I have seen 100+ ducks in the flooded corn at the DU project just north on Rum Creek. It is a very small area but it holds a lot of birds at times. If the state would create more impoundments it would definitely hold more more birds. If you have property and you Pump water to flood millet/ corn and you will see many more birds than you would with out the food.  We can talk to we are blue in the face but the state will not fund it.


----------



## dom (Sep 28, 2015)

if only we each had a billion dollars.....


----------



## rnelson5 (Sep 28, 2015)

dom said:


> if only we each had a billion dollars.....



ya mine would not be spent in GA i can tell you that much lol.


----------



## Joe Overby (Sep 28, 2015)

kevbo3333 said:


> I have seen 100+ ducks in the flooded corn at the DU project just north on Rum Creek. It is a very small area but it holds a lot of birds at times. If the state would create more impoundments it would definitely hold more more birds. If you have property and you Pump water to flood millet/ corn and you will see many more birds than you would with out the food.  We can talk to we are blue in the face but the state will not fund it.



I see tens of thousands every day in Miss and Arkie...100+ is NOT a lot of birds...


----------



## awoods (Sep 28, 2015)

Well I will remain optimistic on improving GA duck hunting. At one time it was thought impossible that the Roman Empire could fall, that you could get internet without wires and something lighter than air could fly...

Is attracting ducks to Ga really that difficult in the grand scheme of things? Where there is a will there is a way. Regardless of what other have said, I plan to remain positive!


----------



## jakebuddy (Sep 28, 2015)

Corp of engineers and bmp issues would take an act of Congress to get anything done as well.


----------



## Beta Tau789 (Sep 29, 2015)

I talked with a DU "counter" at the end of last season (actually met him out scouting snipe). His story was of a lot of duck clubs in the Carolina's who have been managing habitat and holding a lot of ducks in the last 5 years or so. We talked about how this could impact the migration if the birds don't have enough pressure or weather to feel the need to travel further south. Basically if birds are managed well enough below the frost/freeze line, it really hurts our chances being further south


----------



## flyer1946 (Sep 29, 2015)

hello everyone -----yep another newbe 
the worst thing about moveing is finding places to hunt
could use some help in finding some spots close to temple ga.
thanks guys


----------



## g0nef1sshn (Sep 29, 2015)

flyer1946 said:


> hello everyone -----yep another newbe
> the worst thing about moveing is finding places to hunt
> could use some help in finding some spots close to temple ga.
> thanks guys



Just gonna give ya some help here. Start a new thread. Introduce yourself a little more. Where did you come from? where have you hunted? how long? Why'dya move?

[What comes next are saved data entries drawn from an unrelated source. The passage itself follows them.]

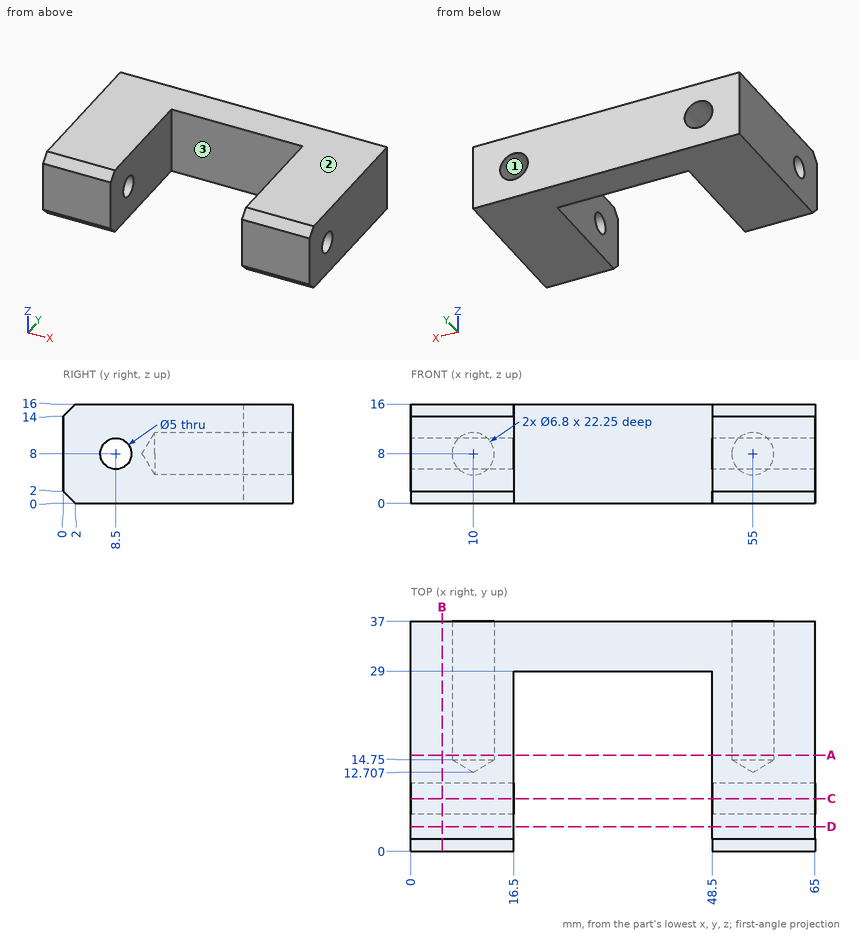
Answer from the drawing. Dimensions are ordinates in mm from the lowest x, y and z of the part. A direction names the side the tool comes from. Coordinates: 2 decimals unless noted, no trailing zeros. Loops run counter-clockwise (first coordinate to the right, second up) from the corner with the lowest first, then second, coordinate; pieces in that order, holes last. Notation, with made-up numbers: (82, 73) - (139, 73) arc R16 ccw to (139, 98) - close; hole circle Ø6 at (15.5, -24). An arc over 180 degrees is marked (long way). Answer in a Markdown table with one row per item.
1. Find section D-D, the plane y = 4. Write down the section's boundary in (x, z), then the cut area to 3 significant figures.
Conclusion:
| item | result |
|---|---|
| outline | (0, 0) - (16.5, 0) - (16.5, 16) - (0, 16) - close; (48.5, 0) - (65, 0) - (65, 16) - (48.5, 16) - close |
| area | 528 mm² |
2. Straight lines are drawn through the part: line 1 (X direction, y = 31, z = 8); line 2 (Y direction, x = 58.5, z = 8); line 3 (X direction, y = 24, z = 2.5). For each, find the intervals that lie inside material, in ascending order.
Conclusion:
| item | result |
|---|---|
| line 1 | x = 0 to 6.6, 13.4 to 51.6, 58.4 to 65 |
| line 2 | y = 0 to 6, 11 to 37 |
| line 3 | x = 0 to 16.5, 48.5 to 65 |
3. Given pin 1 (3 mm diameter, centred on y = 8.5, z = 8, fed in from -X), flat-ended and moving along its own axis, determine where the tip first touches the part or whether it passes through.
Conclusion:
| item | result |
|---|---|
| pin 1 | passes through |
4. Find section A-A, the plane y = 15.5. Write down the section's boundary in (x, z), then the cut area to 3 significant figures.
Conclusion:
| item | result |
|---|---|
| outline | (0, 0) - (16.5, 0) - (16.5, 16) - (0, 16) - close; (48.5, 0) - (65, 0) - (65, 16) - (48.5, 16) - close; hole circle Ø6.8 at (10, 8); hole circle Ø6.8 at (55, 8) |
| area | 455 mm² |
5. Find section B-B, the plane x = 5. Write down the section's boundary in (y, z).
Conclusion:
| item | result |
|---|---|
| outline | (0, 2) - (2, 0) - (37, 0) - (37, 16) - (2, 16) - (0, 14) - close; hole circle Ø5 at (8.5, 8) |
6. Which of the six approach directions +Z, -Z, +X, -X, +Y, -Y give full straight-line access (tool end or side, diameter ignored) to the marked faces 1, 2 and 3?
Conclusion:
| item | result |
|---|---|
| face 1 | +Y |
| face 2 | +Z, +X, -X, +Y, -Y |
| face 3 | +Z, -Z, -Y |
7. Find section C-C, the plane y = 8.5. Write down the section's boundary in (x, z), then the cut area to 3 significant figures.
Conclusion:
| item | result |
|---|---|
| outline | (0, 0) - (16.5, 0) - (16.5, 5.5) - (0, 5.5) - close; (0, 10.5) - (16.5, 10.5) - (16.5, 16) - (0, 16) - close; (48.5, 0) - (65, 0) - (65, 5.5) - (48.5, 5.5) - close; (48.5, 10.5) - (65, 10.5) - (65, 16) - (48.5, 16) - close |
| area | 363 mm² |

These guys (and really no one should) arent just gonna tell you where to hunt. If they do, its a sin 

Any how, welcome to the thick skinned forum, and try the search function. It might answer your questions before ya have to ask.


----------



## MudDucker (Sep 29, 2015)

g0nef1sshn said:


> These guys (and really no one should) arent just gonna tell you where to hunt. If they do, its a sin



This comment is so unfair and so untrue.  Why I will tell you in a heartbeat where to hunt.  If you are on the coast, hunt the marshes or with the right boat hunt outside for sea ducks.  If you are in the south, hunt the swamps and river basins.  If you are in middle Georgia hunt the ponds, rivers and creeks.  If you are in north Georgia, you are pretty much out of luck, but hunt the big reservoirs.

If you want to consitently kill ducks, head west!

See, wasn't that easy!


----------



## rnelson5 (Sep 29, 2015)

flyer1946 said:


> hello everyone -----yep another newbe
> the worst thing about moveing is finding places to hunt
> could use some help in finding some spots close to temple ga.
> thanks guys


----------



## Woodsedgefarm (Sep 29, 2015)

If refuges and better habitat won't bring ducks here, why is the ace basin is considered one of the best places to duck hunt?


----------



## andyparm (Sep 29, 2015)

Woodsedgefarm said:


> If refuges and better habitat won't bring ducks here, why is the ace basin is considered one of the best places to duck hunt?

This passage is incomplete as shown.